In May 2022, Mark Zandi, the chief economist at Moody’s Analytics, made a bold prediction about the housing market. He stated that the market had reached its peak and a housing correction was imminent. Zandi anticipated that national home prices would remain stagnant, while cities like Boise and Austin, known for their frothy housing markets, would experience a decline of 5% to 10% in home prices.
Zandi attributed this forecast to the Pandemic Housing Boom, which had caused home prices in many markets to become detached from local income levels and other fundamental factors. In the second quarter of 2022, Moody’s Analytics estimated that the U.S. housing market was overvalued by 26.98%, surpassing the peak overvaluation during the housing bubble era in the fourth quarter of 2022, which stood at 22.22%. This overvaluation was significantly higher than the 2.17% recorded in the second quarter of 2018.
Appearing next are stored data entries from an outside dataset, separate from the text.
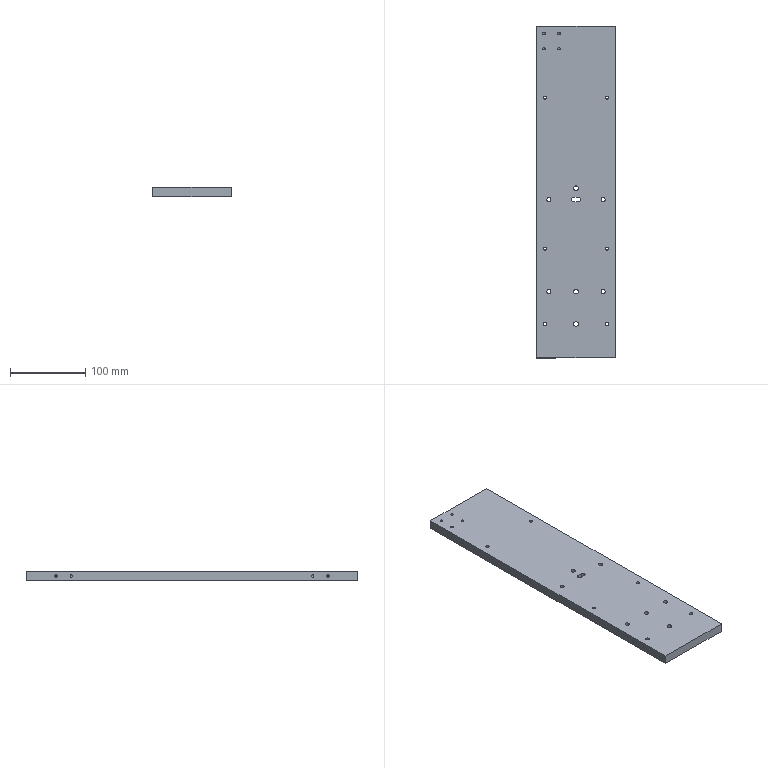Component | SolidWorks | 005-1 | 1 solid | 101 faces | box 105 x 440 x 12 mm | volume 548147 mm3 | cylinder 61 | cone 24 | plane 16 | commonest cylinder face diameters 3.3 x24 4.2 x12 6 x9 10 x8 5.5 x8 | material AL6061
build123d program:
from build123d import *

# Parameters (mm, degrees)
SKETCH1_W                                         = 105
SKETCH1_H                                         = 440
BOSS_EXTRUDE1_DEPTH                               = 12
CHAMFER1_SIZE                                     = 0.5
HOLE_SIZE_ACCORDING_TO_TYPE_OF_HEX_SO_D           = 5.5
HOLE_SIZE_ACCORDING_TO_TYPE_OF_HEX_SO_DEPTH       = 15
HOLE_SIZE_ACCORDING_TO_TYPE_OF_HEX_SO_CBORE_D     = 10
HOLE_SIZE_ACCORDING_TO_TYPE_OF_HEX_SO_CBORE_DEPTH = 5.7
HOLE_SIZE_ACCORDING_TO_TYPE_OF_HEX_SO_TIP         = 1.652
SKETCH4_R                                         = 3
CUT_EXTRUDE1_DEPTH                                = 227.496
M5_TAPPED_HOLE1_D                                 = 4.2
M5_TAPPED_HOLE1_DEPTH                             = 12.4
M5_TAPPED_HOLE1_TIP                               = 1.262
SIZE_MM_DOWEL_PIN_HOLE1_D                         = 6
SIZE_MM_DOWEL_PIN_HOLE1_DEPTH                     = 12.4
SIZE_MM_DOWEL_PIN_HOLE1_TIP                       = 1.803
M4_TAPPED_HOLE1_D                                 = 3.3
M4_TAPPED_HOLE1_DEPTH                             = 10.1
M4_TAPPED_HOLE1_TIP                               = 0.9914
M4_TAPPED_HOLE2_AT_2_COUNT                        = 2
M4_TAPPED_HOLE2_AT_2_PITCH                        = 20
M4_TAPPED_HOLE2_AT_3_COUNT                        = 2
M4_TAPPED_HOLE2_AT_3_PITCH                        = 360
M4_TAPPED_HOLE2_AT_4_COUNT                        = 2
M4_TAPPED_HOLE2_AT_4_PITCH                        = 340


with BuildPart() as part:
    # Sketch1 → Boss-Extrude1 (new body)
    with BuildSketch(Plane.XY):
        Rectangle(SKETCH1_W, SKETCH1_H)
    extrude(amount=BOSS_EXTRUDE1_DEPTH)

    # Chamfer1
    chamfer1_edges = [part.edges().sort_by_distance(p)[0] for p in [
        (52.5, -220, 6),
        (-52.5, -220, 6),
        (-52.5, 220, 6),
        (52.5, 220, 6),
    ]]
    chamfer(chamfer1_edges, length=CHAMFER1_SIZE)

    # Hole Size _ according to_ type of hex so
    with Locations(Plane.XY.offset(12)):
        with Locations((-36, -10), (36, -132), (-36, -132), (36, -10)):
            CounterBoreHole(HOLE_SIZE_ACCORDING_TO_TYPE_OF_HEX_SO_D / 2, HOLE_SIZE_ACCORDING_TO_TYPE_OF_HEX_SO_CBORE_D / 2, HOLE_SIZE_ACCORDING_TO_TYPE_OF_HEX_SO_CBORE_DEPTH, depth=HOLE_SIZE_ACCORDING_TO_TYPE_OF_HEX_SO_DEPTH)
            with Locations((0, 0, -(HOLE_SIZE_ACCORDING_TO_TYPE_OF_HEX_SO_DEPTH + HOLE_SIZE_ACCORDING_TO_TYPE_OF_HEX_SO_TIP / 2))):  # 118° drill point
                Cone(0, HOLE_SIZE_ACCORDING_TO_TYPE_OF_HEX_SO_D / 2, HOLE_SIZE_ACCORDING_TO_TYPE_OF_HEX_SO_TIP, mode=Mode.SUBTRACT)

    # Sketch4 → Cut-Extrude1 (cut, through all)
    with BuildSketch(Plane.XY.offset(12)):
        with Locations((0, -132)):
            Circle(SKETCH4_R)
        with BuildLine():
            Line((-3, -7), (3, -7))
            ThreePointArc((3, -7), (6, -10), (3, -13))
            Line((3, -13), (-3, -13))
            ThreePointArc((-3, -13), (-6, -10), (-3, -7))
        make_face()
    extrude(amount=-CUT_EXTRUDE1_DEPTH, mode=Mode.SUBTRACT)

    # M5 Tapped Hole1
    with Locations(Plane.XY.offset(12)):
        with Locations((-41, -175), (41, -75), (-41, -75), (41, -175), (41, 125), (-41, 125)):
            Hole(M5_TAPPED_HOLE1_D / 2, depth=M5_TAPPED_HOLE1_DEPTH)
            with Locations((0, 0, -(M5_TAPPED_HOLE1_DEPTH + M5_TAPPED_HOLE1_TIP / 2))):  # 118° drill point
                Cone(0, M5_TAPPED_HOLE1_D / 2, M5_TAPPED_HOLE1_TIP, mode=Mode.SUBTRACT)

    # Size mm Dowel Pin Hole1
    with Locations(Plane.XY.offset(12)):
        with Locations((0, -175), (0, 5)):
            Hole(SIZE_MM_DOWEL_PIN_HOLE1_D / 2, depth=SIZE_MM_DOWEL_PIN_HOLE1_DEPTH)
            with Locations((0, 0, -(SIZE_MM_DOWEL_PIN_HOLE1_DEPTH + SIZE_MM_DOWEL_PIN_HOLE1_TIP / 2))):  # 118° drill point
                Cone(0, SIZE_MM_DOWEL_PIN_HOLE1_D / 2, SIZE_MM_DOWEL_PIN_HOLE1_TIP, mode=Mode.SUBTRACT)

    # M4 Tapped Hole1
    with Locations(Plane(origin=(0, 0, 0), x_dir=(-1, 0, 0), z_dir=(0, 0, -1))):
        with Locations((-42.5, 210), (-22.5, 190), (-42.5, 190), (-22.5, 210)):
            Hole(M4_TAPPED_HOLE1_D / 2, depth=M4_TAPPED_HOLE1_DEPTH)
            with Locations((0, 0, -(M4_TAPPED_HOLE1_DEPTH + M4_TAPPED_HOLE1_TIP / 2))):  # 118° drill point
                Cone(0, M4_TAPPED_HOLE1_D / 2, M4_TAPPED_HOLE1_TIP, mode=Mode.SUBTRACT)

    # Sketch13 → M4 Tapped Hole2 (revolve, cut)
    with BuildSketch(Plane(origin=(-52.5, 180, 6), x_dir=(0, 0, 1), z_dir=(0, 1, 0))):
        Polygon((0, 0), (0, 11.091), (1.65, 10.1), (1.65, 0), align=None)
    m4_tapped_hole2 = revolve(axis=Axis((-58.85, 180, 6), (1, 0, 0)), mode=Mode.SUBTRACT)

    # M4 Tapped Hole2 at 2: M4 Tapped Hole2 ×2
    with Locations(*[(0, -i * M4_TAPPED_HOLE2_AT_2_PITCH, 0) for i in range(1, M4_TAPPED_HOLE2_AT_2_COUNT)]):
        add(m4_tapped_hole2, mode=Mode.SUBTRACT)

    # M4 Tapped Hole2 at 3: M4 Tapped Hole2 ×2
    with Locations(*[(0, -i * M4_TAPPED_HOLE2_AT_3_PITCH, 0) for i in range(1, M4_TAPPED_HOLE2_AT_3_COUNT)]):
        add(m4_tapped_hole2, mode=Mode.SUBTRACT)

    # M4 Tapped Hole2 at 4: M4 Tapped Hole2 ×2
    with Locations(*[(0, -i * M4_TAPPED_HOLE2_AT_4_PITCH, 0) for i in range(1, M4_TAPPED_HOLE2_AT_4_COUNT)]):
        add(m4_tapped_hole2, mode=Mode.SUBTRACT)

    # Mirror1: M4 Tapped Hole2 across plane
    add(m4_tapped_hole2.mirror(Plane.ZY), mode=Mode.SUBTRACT)

    # Mirror1 copy 1 sketch → Mirror1 copy 1 (revolve, cut)
    with BuildSketch(Plane(origin=(52.5, 160, 6), x_dir=(0, 0, 1), z_dir=(0, 1, 0))):
        Polygon((0, 0), (0, -11.091), (1.65, -10.1), (1.65, 0), align=None)
    revolve(axis=Axis((58.85, 160, 6), (1, 0, 0)), mode=Mode.SUBTRACT)

    # Mirror1 copy 2 sketch → Mirror1 copy 2 (revolve, cut)
    with BuildSketch(Plane(origin=(52.5, -180, 6), x_dir=(0, 0, 1), z_dir=(0, 1, 0))):
        Polygon((0, 0), (0, -11.091), (1.65, -10.1), (1.65, 0), align=None)
    revolve(axis=Axis((58.85, -180, 6), (1, 0, 0)), mode=Mode.SUBTRACT)

    # Mirror1 copy 3 sketch → Mirror1 copy 3 (revolve, cut)
    with BuildSketch(Plane(origin=(52.5, -160, 6), x_dir=(0, 0, 1), z_dir=(0, 1, 0))):
        Polygon((0, 0), (0, -11.091), (1.65, -10.1), (1.65, 0), align=None)
    revolve(axis=Axis((58.85, -160, 6), (1, 0, 0)), mode=Mode.SUBTRACT)


solid = part.part

# Placed as in the assembly
solid = solid.moved(Location((-238.955, -136.942, 166.696), (-180, 0, 180)))

Now, as we fast-forward to spring 2023, the underlying fundamentals of the housing market are already showing signs of improvement. Zandi’s prediction proved to be accurate as the housing market did enter a correction phase in the latter part of 2022, leading to a decline of around 10% in prices in overheated markets such as Austin and Boise. With falling prices in these hot markets and increasing household incomes, the housing market in spring 2023 is not as overvalued as it was in spring 2022.
A recent analysis conducted by Moody’s Analytics reveals that the U.S. housing market was overvalued by only 16.85% in the first quarter of 2023, indicating an improvement of nearly 10 percentage points from the second quarter of 2022. Even in Boise, which had an overvaluation of 71.48% in the second quarter of 2022, the level of overvaluation has decreased to 54.02%. This analysis provides a comprehensive view of the overvaluation or undervaluation scores for the 440 largest markets in the United States from the first quarter of 2000 to the first quarter of 2023.
The question now arises: Will housing market fundamentals continue to improve beyond the first quarter of 2023? Housing economists, closely monitoring the rise in home prices in most regional markets this spring, have differing opinions on the matter.
Firms like CoreLogic and Zillow predict that the limited inventory levels will drive national home prices up by 4.6% and 4.8%, respectively, over the next year. If these optimistic forecasts materialize, it would indicate a halt to the ongoing healing of the housing market fundamentals.
However, if Zandi’s predictions hold true, the overvalued levels will continue to decline. As mortgage rates surged in 2022, Zandi revised his outlook. In October 2022, he forecasted a decline of around 10% in national home prices from peak to trough, with the expected bottom occurring in 2024 or 2025. Moody’s Analytics forecast model predicts an 8.6% peak-to-trough decline nationally, including a 4.4% decline in 2023 alone.
For Zandi’s prediction to come true, overheated regional housing markets would need to once again enter a correction phase during the slower months later this year.
Out of the 404 largest markets tracked by Moody’s Analytics, 17 are currently undervalued. These include markets such as Chicago and Baton Rouge, as well as San Francisco, which was significantly affected by the housing correction in the second half of 2022.